En vacances ensemble, des secrets sont révélés. La jeune Andrée raconte sa relation avec Bernard, un juif ! Comment Sylvie aurait-elle pu ne jamais savoir !

Au cours de quelques verres dans la cuisine, en pleine discussion, Andrée révèle qu’elle pense que personne d’autre que Bernard ne se soucie vraiment d’elle. Sylvie avoue qu’elle aussi s’en soucie et continue à faire sa propre confession : elle ne croit plus en Dieu. La religion catholique est une présence continue tout au long du livre. La famille d’Andrée est bien plus dévote que la famille de Sylvie

En grandissant, Andrée est de plus en plus troublée à l’idée d’avoir transgressé les prédications des prêtres, notamment d’avoir trompé sa mère en voyant Bernard une dernière fois, en cachette. Nous voyons le changement d’Andrée d’être une écolière fougueuse et irrévérencieuse qui défierait ses professeurs en une qui succombe progressivement aux chaînes d’une version strictement interprétée de sa religion.

Après avoir passé leur bac, ils vont à la Sorbonne, Andrée à la Faculté des Lettres, Sylvie, Philosophie

Sylvie rencontre et se lie d’amitié avec Pascal (d’après le célèbre philosophe Maurice Merleau-Ponty). Il ne faut pas longtemps avant qu’Andrée le rencontre aussi et noue une amitié très étroite. Ils partagent des croyances religieuses similaires. La mère d’Andrée est soulagée de ne pas avoir perdu la foi.

Sylvie passe l’été chez Andrée qui a tellement de corvées qu’elle a peu de temps pour discuter avec Sylvie. Andrée ne veut pas aller vivre chez les Santenay, alors elle prend la décision radicale de simuler un accident avec une hache et son pied, la confinant au lit pendant deux semaines. Mme Gallard l’interroge sur toutes les lettres et Andrée lui avoue sa relation avec Pascal.

La religion catholique est un thème central de ce livre. Comment il force la soumission à l’autorité de la mère, du père, du prêtre et du dieu et comment il façonne le comportement des femmes pour qu’elles soient soumises aux hommes. Sylvie Le Bon de Beauvoir dit qu’il ne s’agit pas de “non d’exister pour-soi mais d’exister – pour – les autres”.
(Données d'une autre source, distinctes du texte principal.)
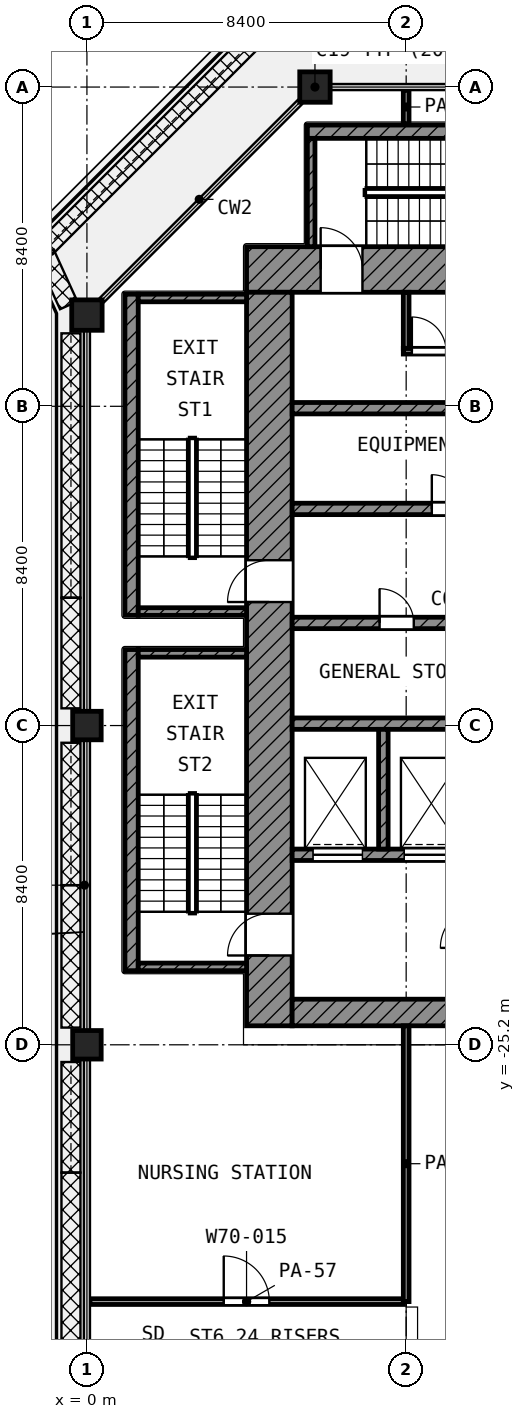
"""IFC4 building model, lengths in metres.
Left out: names, types, materials, properties, quantities, classifications, styles, units other than length and angle.
Written with IfcOpenShell. Run it as: python <this file> out.ifc"""

import sys

from ifc_helpers import new_model, si_unit, direction, frame, frame_2d, origin, origin_2d, place, context, subcontext, project, spatial, rectangle, extrude, element, fill, save


model = new_model("IFC4")
c1 = context("Model", 3, precision=1e-05, world=origin(), true_north=direction((0.0, 1.0)))
c2 = subcontext(c1, "Body", "Model", "MODEL_VIEW")
j1 = project(units=[si_unit("LENGTHUNIT", "METRE"), si_unit("PLANEANGLEUNIT", "RADIAN")], contexts=[c1])
p1 = place(None, origin())
s1 = spatial("IfcSite", under=j1, at=p1, CompositionType="ELEMENT")
p2 = place(p1, origin())
s2 = spatial("IfcBuilding", under=s1, at=p2, CompositionType="ELEMENT")
p3 = place(p2, frame((0.0, 0.0, 302.8)))
s3 = spatial("IfcBuildingStorey", under=s2, at=p3, CompositionType="ELEMENT", Elevation=302.8)
for number, where, z_axis, x_axis in (
    (1, (6.0, 0.0, 0.0), (0.0, 0.0, 1.0), (1.0, 0.0, 0.0)),
    (2, (0.0, -6.0, 0.0), (0.0, 0.0, 1.0), (1.0, 0.0, 0.0)),
):
    element("IfcColumn", number, at=place(p3, frame(where, z_axis=z_axis, x_axis=x_axis)), inside=s3, PredefinedType="COLUMN", context=c2, shape_type="SweptSolid", body=[
        extrude(rectangle(XDim=0.8, YDim=0.8, at=origin_2d()), origin(), (0.0, 0.0, 1.0), 4.2),
    ])
for number, where, z_axis, x_axis in (
    (3, (0.0, -16.8, 0.0), (0.0, 0.0, 1.0), (1.0, 0.0, 0.0)),
    (4, (0.0, -25.2, 0.0), (0.0, 0.0, 1.0), (1.0, 0.0, 0.0)),
):
    element("IfcColumn", number, at=place(p3, frame(where, z_axis=z_axis, x_axis=x_axis)), inside=s3, PredefinedType="COLUMN", context=c2, shape_type="SweptSolid", body=[
        extrude(rectangle(XDim=0.75, YDim=0.75, at=origin_2d()), origin(), (0.0, 0.0, 1.0), 4.2),
    ])
p4 = place(p3, frame((4.2, -4.8, 0.0), z_axis=(0.0, 0.0, 1.0), x_axis=(1.0, 0.0, 0.0)))
e5 = element("IfcWall", 5, at=p4, inside=s3, PredefinedType="SHEAR", context=c2, shape_type="SweptSolid", body=[
    extrude(rectangle(XDim=20.5, YDim=1.2, at=frame_2d((10.25, 0.0))), origin(), (0.0, 0.0, 1.0), 3.6),
])
p5 = place(p4, frame((1.95, 0.0, 0.0)))
e6 = element("IfcOpeningElement", 6, at=p5, cuts=e5, PredefinedType="OPENING", context=c2, shape_type="SweptSolid", body=[
    extrude(rectangle(XDim=1.1, YDim=2.1, at=frame_2d((0.55, 1.05))), frame((0.0, 0.61, 0.0), z_axis=(0.0, -1.0, 0.0), x_axis=(1.0, 0.0, 0.0)), (0.0, 0.0, 1.0), 1.22),
])
p6 = place(p4, frame((17.95, 0.0, 0.0)))
e7 = element("IfcOpeningElement", 7, at=p6, cuts=e5, PredefinedType="OPENING", context=c2, shape_type="SweptSolid", body=[
    extrude(rectangle(XDim=1.1, YDim=2.1, at=frame_2d((0.55, 1.05))), frame((0.0, 0.61, 0.0), z_axis=(0.0, -1.0, 0.0), x_axis=(1.0, 0.0, 0.0)), (0.0, 0.0, 1.0), 1.22),
])
p7 = place(p3, frame((4.8, -24.7, 0.0), z_axis=(0.0, 0.0, 1.0), x_axis=(0.0, 1.0, 0.0)))
e8 = element("IfcWall", 8, at=p7, inside=s3, PredefinedType="SHEAR", context=c2, shape_type="SweptSolid", body=[
    extrude(rectangle(XDim=19.3, YDim=1.2, at=frame_2d((9.65, 0.0))), origin(), (0.0, 0.0, 1.0), 3.6),
])
p8 = place(p7, frame((11.15, 0.0, 0.0)))
e9 = element("IfcOpeningElement", 9, at=p8, cuts=e8, PredefinedType="OPENING", context=c2, shape_type="SweptSolid", body=[
    extrude(rectangle(XDim=1.1, YDim=2.1, at=frame_2d((0.55, 1.05))), frame((0.0, 0.61, 0.0), z_axis=(0.0, -1.0, 0.0), x_axis=(1.0, 0.0, 0.0)), (0.0, 0.0, 1.0), 1.22),
])
p9 = place(p7, frame((1.85, 0.0, 0.0)))
e10 = element("IfcOpeningElement", 10, at=p9, cuts=e8, PredefinedType="OPENING", context=c2, shape_type="SweptSolid", body=[
    extrude(rectangle(XDim=1.1, YDim=2.1, at=frame_2d((0.55, 1.05))), frame((0.0, 0.61, 0.0), z_axis=(0.0, -1.0, 0.0), x_axis=(1.0, 0.0, 0.0)), (0.0, 0.0, 1.0), 1.22),
])
p10 = place(p3, frame((5.4, -24.35, 0.0), z_axis=(0.0, 0.0, 1.0), x_axis=(1.0, 0.0, 0.0)))
e11 = element("IfcWall", 11, at=p10, inside=s3, PredefinedType="SHEAR", context=c2, shape_type="SweptSolid", body=[
    extrude(rectangle(XDim=18.6, YDim=0.7, at=frame_2d((9.3, 0.0))), origin(), (0.0, 0.0, 1.0), 3.6),
])
p11 = place(p10, frame((6.3, 0.0, 0.0)))
e12 = element("IfcOpeningElement", 12, at=p11, cuts=e11, PredefinedType="OPENING", context=c2, shape_type="SweptSolid", body=[
    extrude(rectangle(XDim=1.8, YDim=2.1, at=frame_2d((0.9, 1.05))), frame((0.0, 0.36, 0.0), z_axis=(0.0, -1.0, 0.0), x_axis=(1.0, 0.0, 0.0)), (0.0, 0.0, 1.0), 0.72),
])
p12 = place(p3, frame((5.4, -8.45, 0.0), z_axis=(0.0, 0.0, 1.0), x_axis=(1.0, 0.0, 0.0)))
e13 = element("IfcWall", 13, at=p12, inside=s3, PredefinedType="SHEAR", context=c2, shape_type="SweptSolid", body=[
    extrude(rectangle(XDim=16.65, YDim=0.3, at=frame_2d((8.325, 0.0))), origin(), (0.0, 0.0, 1.0), 3.6),
])
p13 = place(p3, frame((5.4, -11.1, 0.0), z_axis=(0.0, 0.0, 1.0), x_axis=(1.0, 0.0, 0.0)))
e14 = element("IfcWall", 14, at=p13, inside=s3, PredefinedType="SHEAR", context=c2, shape_type="SweptSolid", body=[
    extrude(rectangle(XDim=16.65, YDim=0.3, at=frame_2d((8.325, 0.0))), origin(), (0.0, 0.0, 1.0), 3.6),
])
p14 = place(p13, frame((3.675, 0.0, 0.0)))
e15 = element("IfcOpeningElement", 15, at=p14, cuts=e14, PredefinedType="OPENING", context=c2, shape_type="SweptSolid", body=[
    extrude(rectangle(XDim=0.9, YDim=2.1, at=frame_2d((0.45, 1.05))), frame((0.0, 0.16, 0.0), z_axis=(0.0, -1.0, 0.0), x_axis=(1.0, 0.0, 0.0)), (0.0, 0.0, 1.0), 0.32),
])
p15 = place(p13, frame((11.925, 0.0, 0.0)))
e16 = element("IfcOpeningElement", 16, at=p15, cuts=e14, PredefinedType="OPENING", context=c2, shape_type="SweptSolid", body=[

Les Inséparables se lit facilement, avec l’excellente qualité d’écriture que l’on attend de Simone de Beauvoir. Andrée est basée sur l’amie réelle de Simone de Beauvoir. Zaza décédée à l’âge de 21 ans. Sylvie Le Bon de Beauvoir remarque : « Simone a vu comme un assassinat, que Zaza ait été assassinée par son milieu. Elle a été extrêmement choquée et révoltée par la mort de Zaza, qui lui a ouvert les yeux sur l’oppression des femmes dans la bourgeoisie et ce fut un facteur déterminant qui l’a amenée à écrire Le Deuxième Sexe.”